Eylül'ün oyun arkadaşı tanık 11 yaşındaki B.Y. ise "Ben balkondan baktığımda, Eylül'ün bisikleti sanık Uğur'un bahçesinde görünüyordu ancak Eylül'ü görmedim. Yaklaşık yarım saat sonra Nida geldi. Bizim avluda biraz bisiklet sürüp Eylül'e bakmak için sanık Uğur'un evine gittik. Biz baktığımızda Eylül'ün bisikleti çalılıkların içinde duruyordu. "Eylül nerede?" dedik. "Eylül yok" dedi, bu sırada bagajda bir şeyle uğraşıyordu. Sonra Nida ile birlikte Eylül'ün bisikletini alıp evine götürdük ve Halil İbrahim amcaya söyledik. Biz Eylül'ü aramaya başladığımızda sanık Huriye ile sanık Uğur'un gizli gizli bir şeyler konuştuğunu gördük. Bizi görünce konuşmayı hemen kestiler" dedi.

Tanık İzzet Bükülmez de bölgede çobanlık yaptığını ve olay günü yoldan geçerken, Eylül Yağlıkara'nın gömüldüğü direğin yanında sanık Uğur Koçyiğit'i gördüğünü söyledi.

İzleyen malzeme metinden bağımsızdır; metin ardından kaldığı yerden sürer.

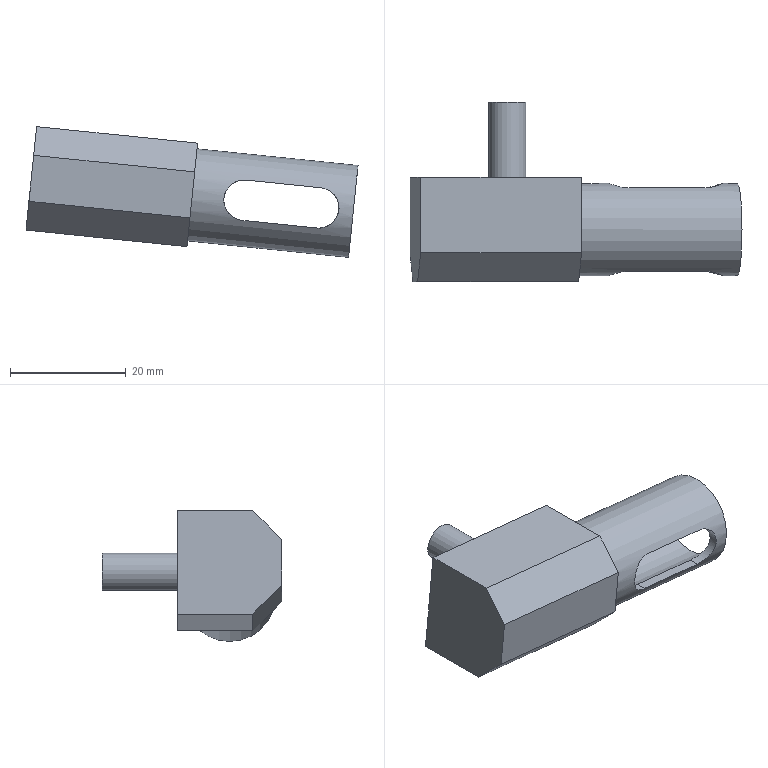Component | NX | PISTON_CYLINDER | 1 solid | 24 faces | volume 7030 mm3 | plane 16 | cylinder 8 | commonest cylinder face diameters 7 x4 16 x1 13 x1 6.5 x1 4 x1

Mahkeme heyeti, Uğur Koçyiğit'in tutukluluk halinin devamına karar verirken, annesinin tutuklanmasının talep edilmesini reddetti. Duruşma, tanıkların dinlenmesi için ertelendi.

İDDİANAMEDEN

İddianamede yer alan bilgilere göre Eylül, olay günü öğle saatlerinde arkadaşıyla birlikte Uğur Koçyiğit'in evine gidip çocuklarını sordu. Evde yalnız olan Uğur Koçyiğit, Eylül'ün arkadaşını gönderip küçük kıza cinsel istismarda bulundu. Eylül, Huriye Koçyiğit'in eve gelmesi üzerine kaçtı. Uğur Koçyiğit, peşinden gittiği Eylül'ü zorla otomobiline bindirip boğarak öldürdükten sonra kendi diktiği elektrik direğinin dibine gömdü. İddianamede, sanık Uğur Koçyiğit'in cep telefonunda Mayıs ve Haziran aylarında çocuk pornosu izlediğinin belirlendiği de bildirildi.